Yeah, a bit unusual as we're so used to EU style wiring. I really found the US wiring to be of a poorer quality than the UK stuff.

For a start the plastic sheathing (sp) is very rubbery which makes using an auto matic wire stripper like these impossible  









Had to resort to the old stanley knife.


----------



## oxford (Apr 14, 2006)

Bloody fantastic write up this, helped me out doing it while watching the TV tonight !

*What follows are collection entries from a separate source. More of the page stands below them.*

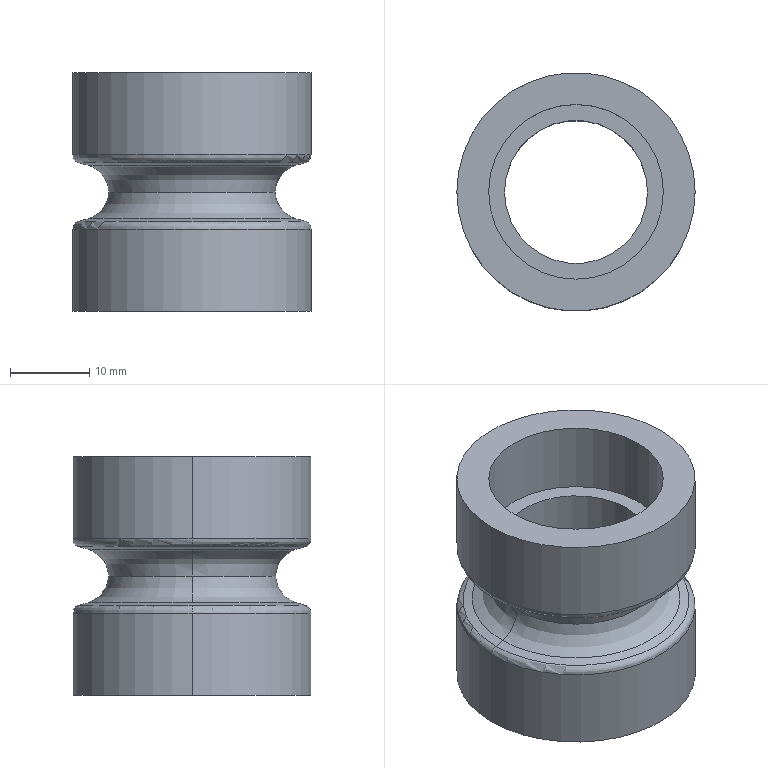Component | SolidWorks | JL001-03-03-1_JL001-03-03-002-1 | 1 solid | 26 faces | box 30 x 30 x 30 mm | volume 9084 mm3 | cylinder 10 | torus 8 | cone 4 | plane 4 | commonest cylinder face diameters 22 x4 30 x4 18 x2
build123d program:
from build123d import *

# Parameters (mm, degrees)
FILLET1_R = 1


with BuildPart() as part:
    # Sketch1 → Revolve1 (revolve)
    with BuildSketch(Plane.XY, mode=Mode.PRIVATE) as revolve1_sk:
        Polygon((11, 15), (15, 15), (15, -15), (11, -15), (11, -6), (9, -6), (9, 6), (11, 6), align=None)
    revolve(revolve1_sk.sketch.rotate(Axis((0, 0, 0), (0, -1, 0)), 90), axis=Axis((0, 0, 0), (0, -1, 0)))

    # Sketch2 → Cut-Revolve1 (revolve, cut)
    with BuildSketch(Plane.XY, mode=Mode.PRIVATE) as cut_revolve1_sk:
        with BuildLine():
            Line((13.094, 3.381), (16, 4.159))
            Line((16, 4.159), (16, -4.159))
            Line((16, -4.159), (13.094, -3.381))
            ThreePointArc((13.094, -3.381), (10.5, 0), (13.094, 3.381))
        make_face()
    revolve(cut_revolve1_sk.sketch.rotate(Axis((0, 0, 0), (0, -1, 0)), 90), axis=Axis((0, 0, 0), (0, -1, 0)), mode=Mode.SUBTRACT)

    # Fillet1
    fillet1_edges = [part.edges().sort_by_distance(p)[0] for p in [
        (0, -3.891, -15),
        (0, 3.891, -15),
    ]]
    fillet(fillet1_edges, radius=FILLET1_R)


solid = part.part

# Placed as in the assembly
solid = solid.moved(Location((15, 27.5, 40.5), (90, 0, 0)))
STEP:
#1=COLOUR_RGB('',0.7922,0.8196,0.9333);
#2=FILL_AREA_STYLE_COLOUR('',#1);
#3=FILL_AREA_STYLE('',(#2));
#4=SURFACE_STYLE_FILL_AREA(#3);
#5=SURFACE_SIDE_STYLE('',(#4));
#6=SURFACE_STYLE_USAGE(.BOTH.,#5);
#7=PRESENTATION_STYLE_ASSIGNMENT((#6));
#8=CARTESIAN_POINT('',(0.07503,1.083,1.728));
#9=VERTEX_POINT('',#8);
#10=CARTESIAN_POINT('',(0.1772,1.083,1.594));
#11=VERTEX_POINT('',#10);
#12=CARTESIAN_POINT('',(0.03937,1.083,1.594));
#13=DIRECTION('',(-0.,1.,0.));
#14=DIRECTION('',(-1.,0.,0.));
#15=AXIS2_PLACEMENT_3D('',#12,#13,#14);
#16=CIRCLE('',#15,0.1378);
#17=EDGE_CURVE('',#9,#11,#16,.T.);
#18=ORIENTED_EDGE('',*,*,#17,.T.);
#19=CARTESIAN_POINT('',(1.004,1.083,1.594));
#20=VERTEX_POINT('',#19);
#21=CARTESIAN_POINT('',(0.5906,1.083,1.594));
#22=DIRECTION('',(0.,0.,1.));
#23=DIRECTION('',(1.,0.,0.));
#24=AXIS2_PLACEMENT_3D('',#21,#22,#23);
#25=CIRCLE('',#24,0.4134);
#26=EDGE_CURVE('',#11,#20,#25,.T.);
#27=ORIENTED_EDGE('',*,*,#26,.T.);
#28=CARTESIAN_POINT('',(1.106,1.083,1.728));
#29=VERTEX_POINT('',#28);
#30=CARTESIAN_POINT('',(1.142,1.083,1.594));
#31=DIRECTION('',(0.,-1.,0.));
#32=DIRECTION('',(1.,0.,0.));
#33=AXIS2_PLACEMENT_3D('',#30,#31,#32);
#34=CIRCLE('',#33,0.1378);
#35=EDGE_CURVE('',#29,#20,#34,.T.);
#36=ORIENTED_EDGE('',*,*,#35,.F.);
#37=CARTESIAN_POINT('',(0.5906,1.083,1.728));
#38=DIRECTION('',(0.,0.,1.));
#39=DIRECTION('',(-1.,-0.,0.));
#40=AXIS2_PLACEMENT_3D('',#37,#38,#39);
#41=CIRCLE('',#40,0.5155);
#42=EDGE_CURVE('',#9,#29,#41,.T.);
#43=ORIENTED_EDGE('',*,*,#42,.F.);
#44=EDGE_LOOP('',(#18,#27,#36,#43));
#45=FACE_OUTER_BOUND('',#44,.T.);
#46=CARTESIAN_POINT('',(0.5906,1.083,1.594));
#47=DIRECTION('',(0.,0.,1.));
#48=DIRECTION('',(-1.,-0.,0.));
#49=AXIS2_PLACEMENT_3D('',#46,#47,#48);
#50=TOROIDAL_SURFACE('',#49,0.5512,0.1378);
#51=ADVANCED_FACE('',(#45),#50,.F.);
#52=ORIENTED_EDGE('',*,*,#35,.T.);
#53=CARTESIAN_POINT('',(0.5906,1.083,1.594));
#54=DIRECTION('',(0.,0.,1.));
#55=DIRECTION('',(1.,0.,0.));
#56=AXIS2_PLACEMENT_3D('',#53,#54,#55);
#57=CIRCLE('',#56,0.4134);
#58=EDGE_CURVE('',#20,#11,#57,.T.);
#59=ORIENTED_EDGE('',*,*,#58,.T.);
#60=ORIENTED_EDGE('',*,*,#17,.F.);
#61=CARTESIAN_POINT('',(0.5906,1.083,1.728));
#62=DIRECTION('',(0.,0.,1.));
#63=DIRECTION('',(-1.,-0.,0.));
#64=AXIS2_PLACEMENT_3D('',#61,#62,#63);
#65=CIRCLE('',#64,0.5155);
#66=EDGE_CURVE('',#29,#9,#65,.T.);
#67=ORIENTED_EDGE('',*,*,#66,.F.);
#68=EDGE_LOOP('',(#52,#59,#60,#67));
#69=FACE_OUTER_BOUND('',#68,.T.);
#70=CARTESIAN_POINT('',(0.5906,1.083,1.594));
#71=DIRECTION('',(0.,0.,1.));
#72=DIRECTION('',(-1.,-0.,0.));
#73=AXIS2_PLACEMENT_3D('',#70,#71,#72);
#74=TOROIDAL_SURFACE('',#73,0.5512,0.1378);
#75=ADVANCED_FACE('',(#69),#74,.F.);
#76=CARTESIAN_POINT('',(1.152,1.083,1.74));
#77=VERTEX_POINT('',#76);
#78=CARTESIAN_POINT('',(0.02918,1.083,1.74));
#79=VERTEX_POINT('',#78);
#80=CARTESIAN_POINT('',(0.5906,1.083,1.74));
#81=DIRECTION('',(0.,0.,-1.));
#82=DIRECTION('',(-1.,-0.,0.));
#83=AXIS2_PLACEMENT_3D('',#80,#81,#82);
#84=CIRCLE('',#83,0.5614);
#85=EDGE_CURVE('',#77,#79,#84,.T.);
#86=ORIENTED_EDGE('',*,*,#85,.F.);
#87=CARTESIAN_POINT('',(1.181,1.083,1.778));
#88=VERTEX_POINT('',#87);
#89=CARTESIAN_POINT('',(1.142,1.083,1.778));
#90=DIRECTION('',(0.,-1.,0.));
#91=DIRECTION('',(1.,0.,0.));
#92=AXIS2_PLACEMENT_3D('',#89,#90,#91);
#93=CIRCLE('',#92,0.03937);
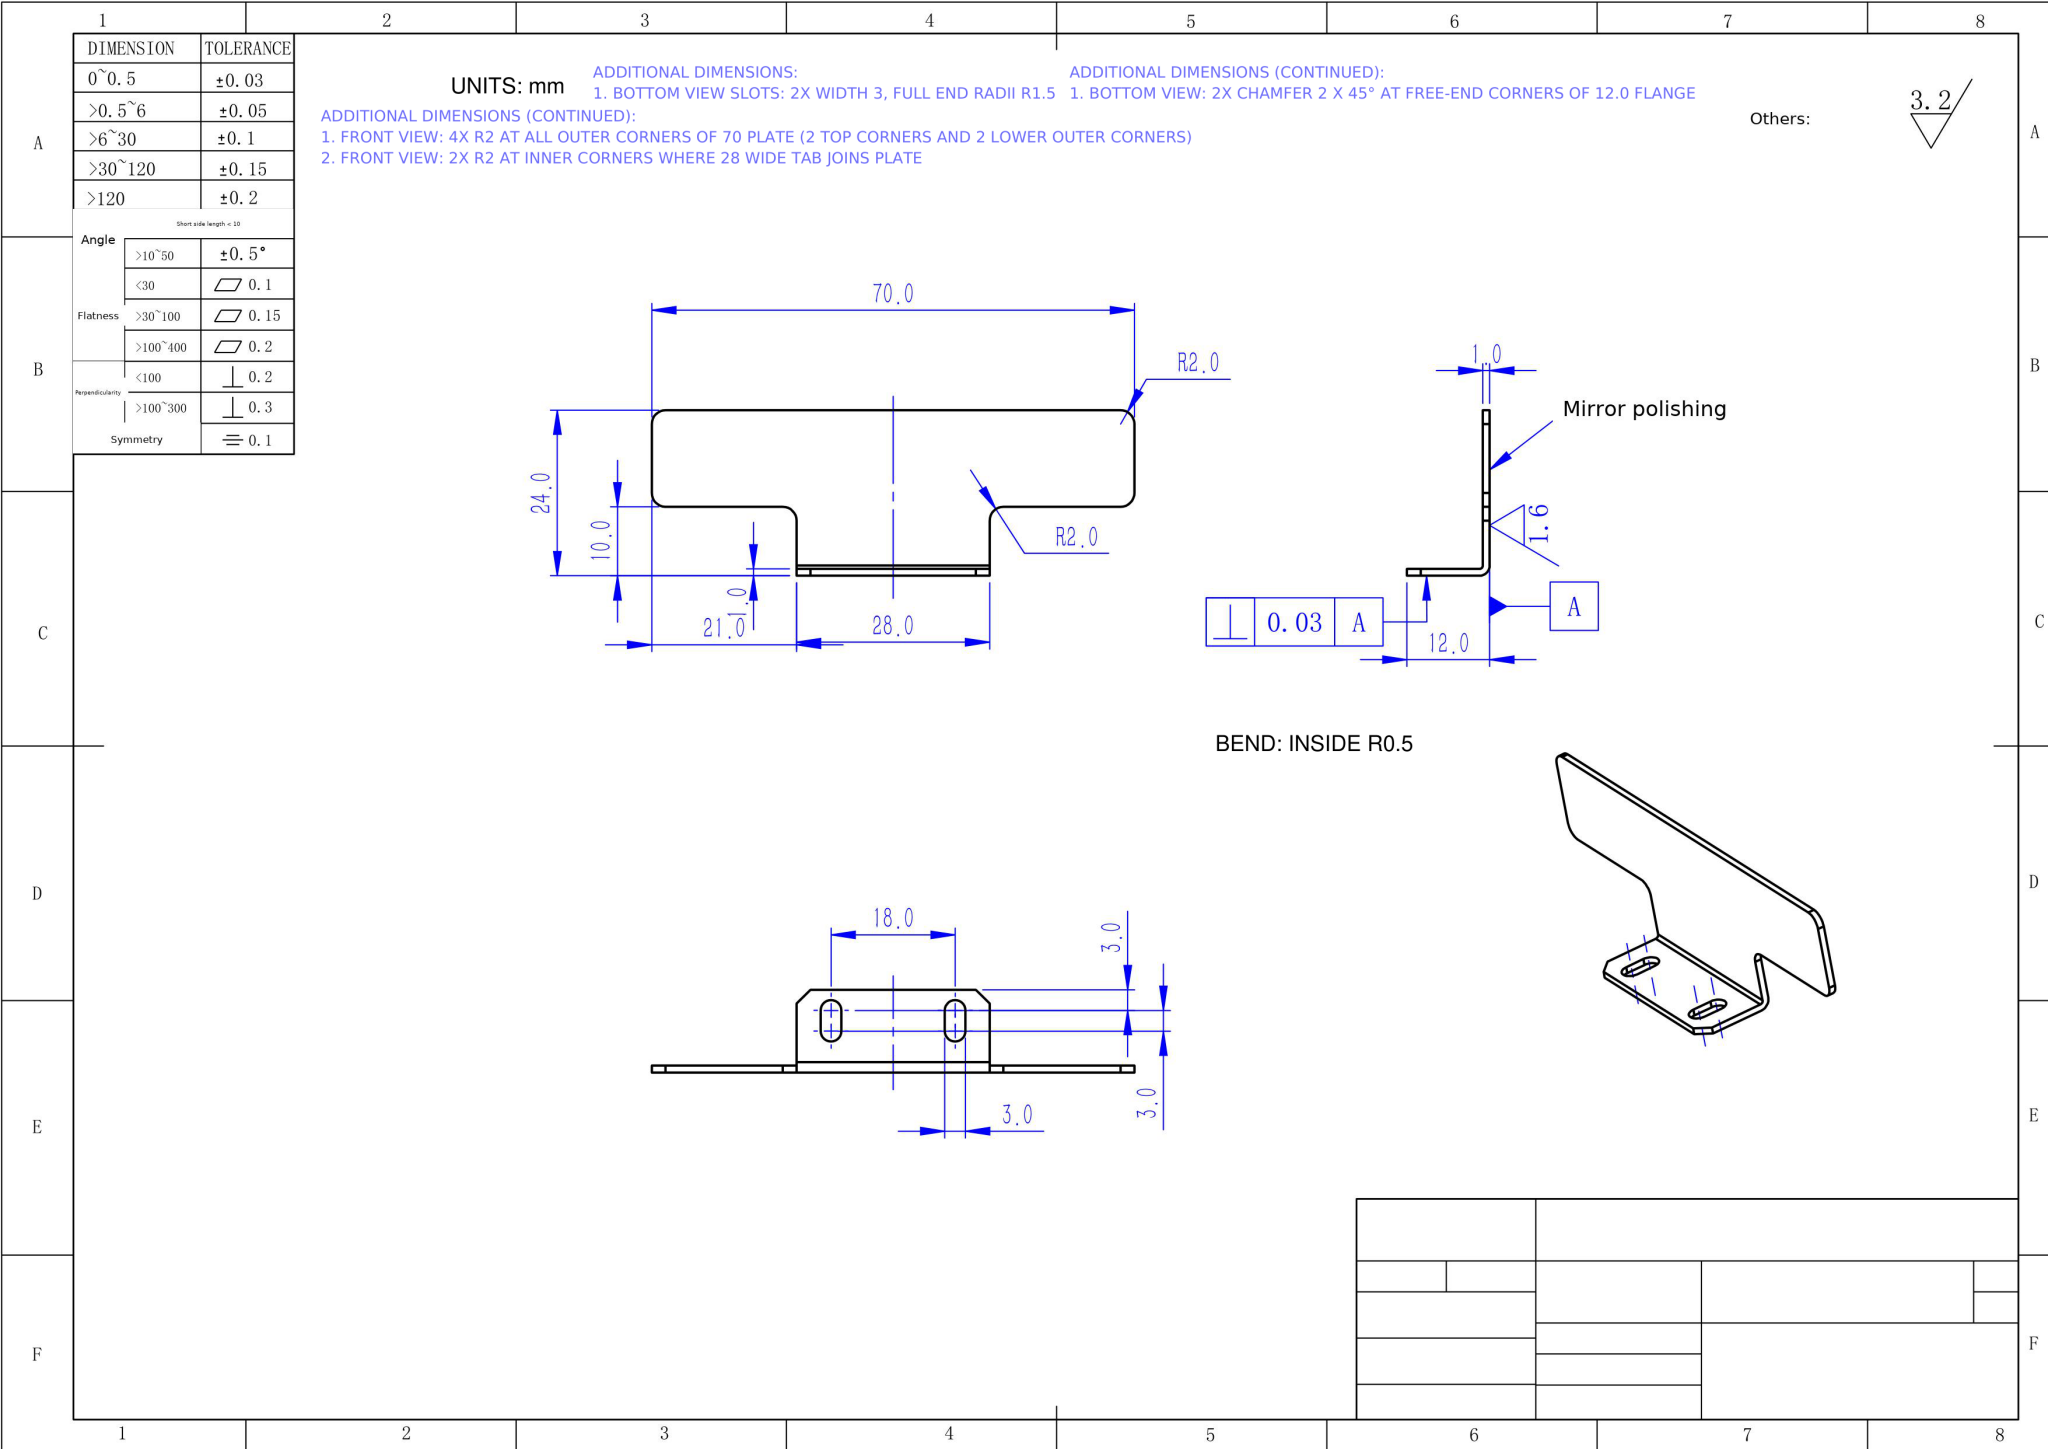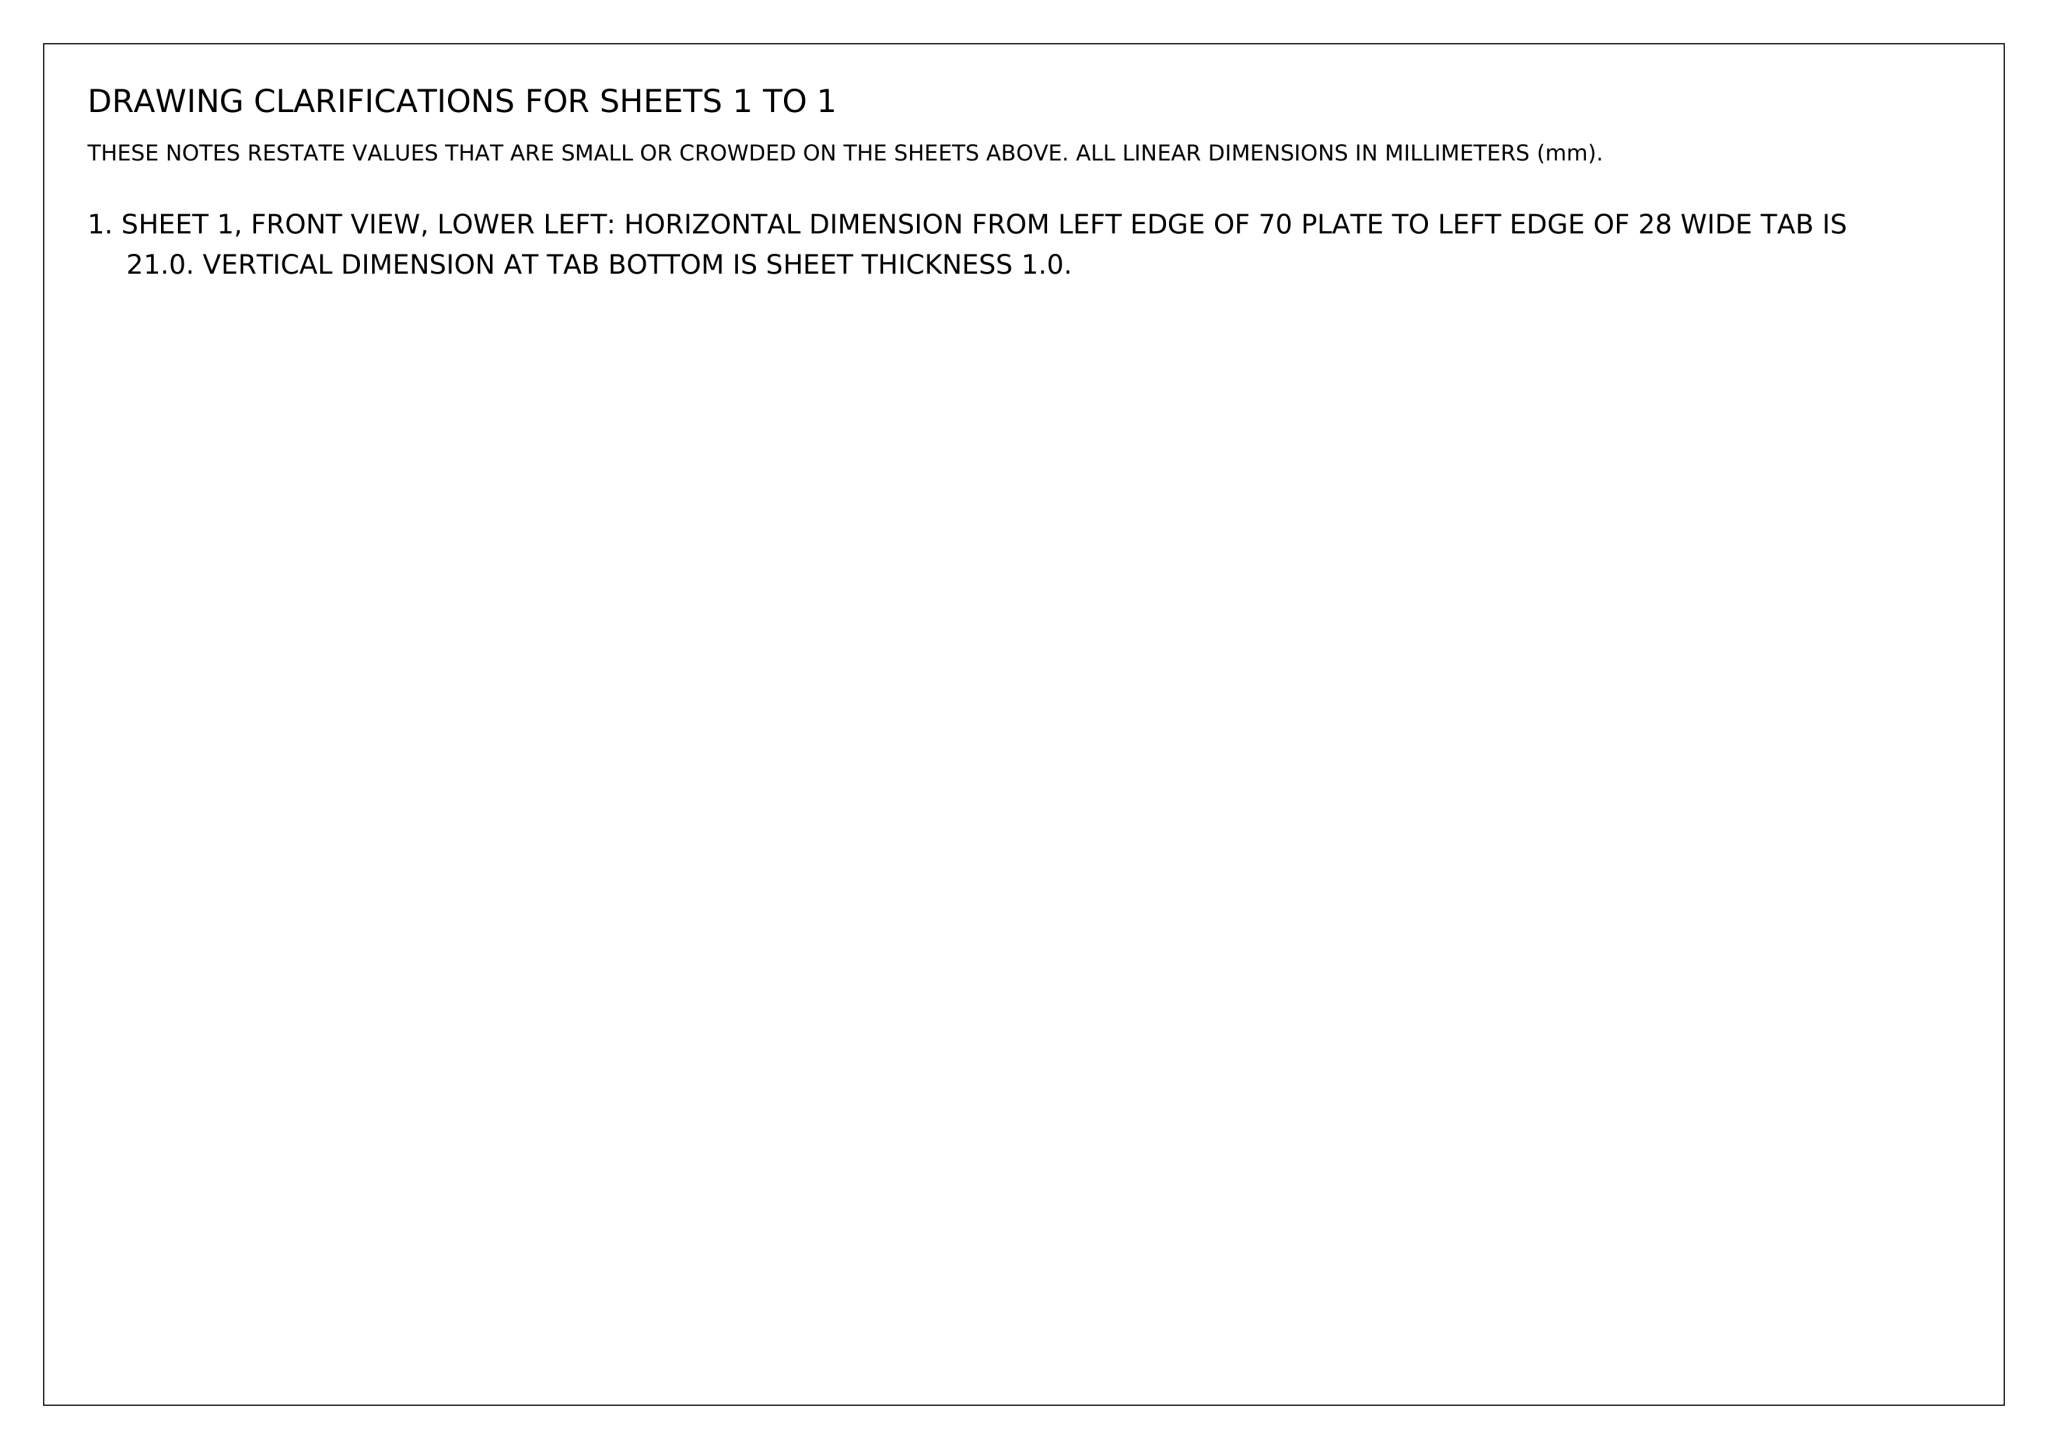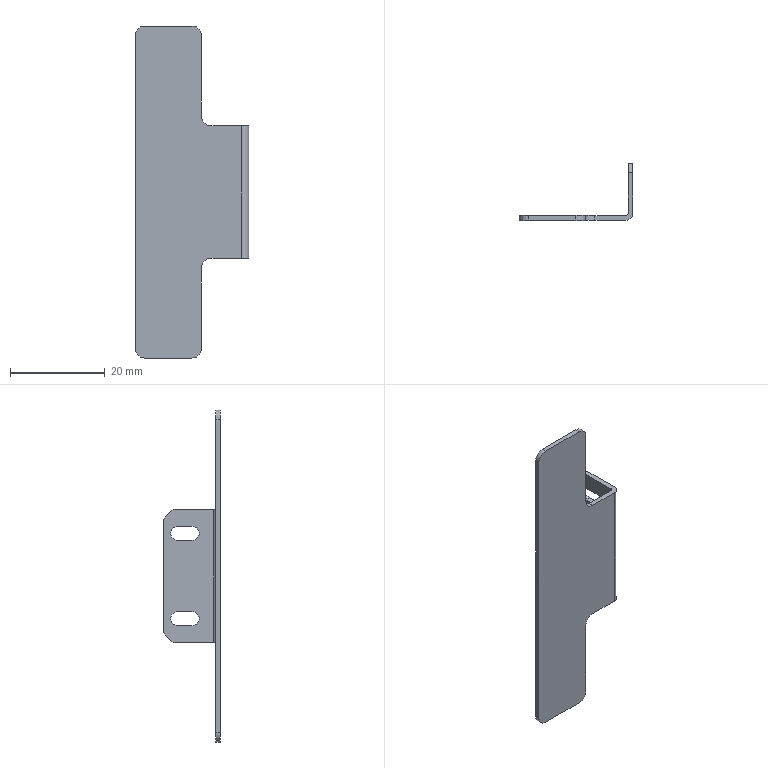Part | NX | mm | 1 solid | 30 faces | box 24 x 12 x 70 mm | volume 1518 mm3 | plane 18 | cylinder 12 | commonest cylinder face diameters 4 x6 3 x5 1 x1

I am all ready to go for tomorrow evening now. Nice one


----------



## [email protected] (Jan 9, 2006)

good guide, many thanks. Christ didnt realise machine was gonna vibrate that much lol, my poor wrist on just firing it up.


----------



## lord trick (May 3, 2006)

Ideal.....just got it in the post...didnt know where to put the wires.....looked on here...and the rest as they say is history...Thanks alot


----------



## Hangover (Mar 18, 2006)

Thanks straight forward and made it a 5 fin job


----------



## banger 115 (Nov 25, 2005)

wonder how many have wired there pc wrong.....  .

what a difference..:buffer: 

great write up..ta


----------



## Rasher (Mar 6, 2006)

just folLowed the guide spot on thanks


----------



## Mini_Nigel (Apr 15, 2006)

banger 115 said:


> wonder how many have wired there pc wrong...


In what way "wrong"?

It doesn't actually matter which way you connect the wires, the original US plug is unpolarised, and the power switch in the PC is 2-pole (so it switches both wires).

See my posts Replacing the power cable on a PC 7424 and Replacement power cables for PC 7424

Nige


----------



## justin666 (Mar 9, 2006)

GGreat guide just changed mine thanks :thumb:


----------



## Schizophonic (Jun 8, 2006)

Hey guys. My goods from Tooled-up.com arrived and this transformer came with it.
Here is a link to the plug  Draper 110v 16 Amp Site Plug For 110v Machines & Transformers

I havn't got my PC 7424 yet but I want to make sure which wire goes into which.








Here is a picture i took, on the bottom left hole is an L/+, does that mean the LIVE wire must go in? and on the right is a funny shape, I can't type it on the keyboard. Can someone go through this with me?

Thanks


----------



## Scud (Jun 30, 2006)

Ive just done it with a plug from B&Q, i put the black to the L+ and then the white to the other small pin,nothing connected to the big pin. Seems to be working.


----------



## Wobbly Dave (Jun 12, 2006)

I've just cut me plug off!! 
Seriously - thanks for the guide - I only needed it to find out which was live. I used my soldering iron to tin the ends - just coz I can.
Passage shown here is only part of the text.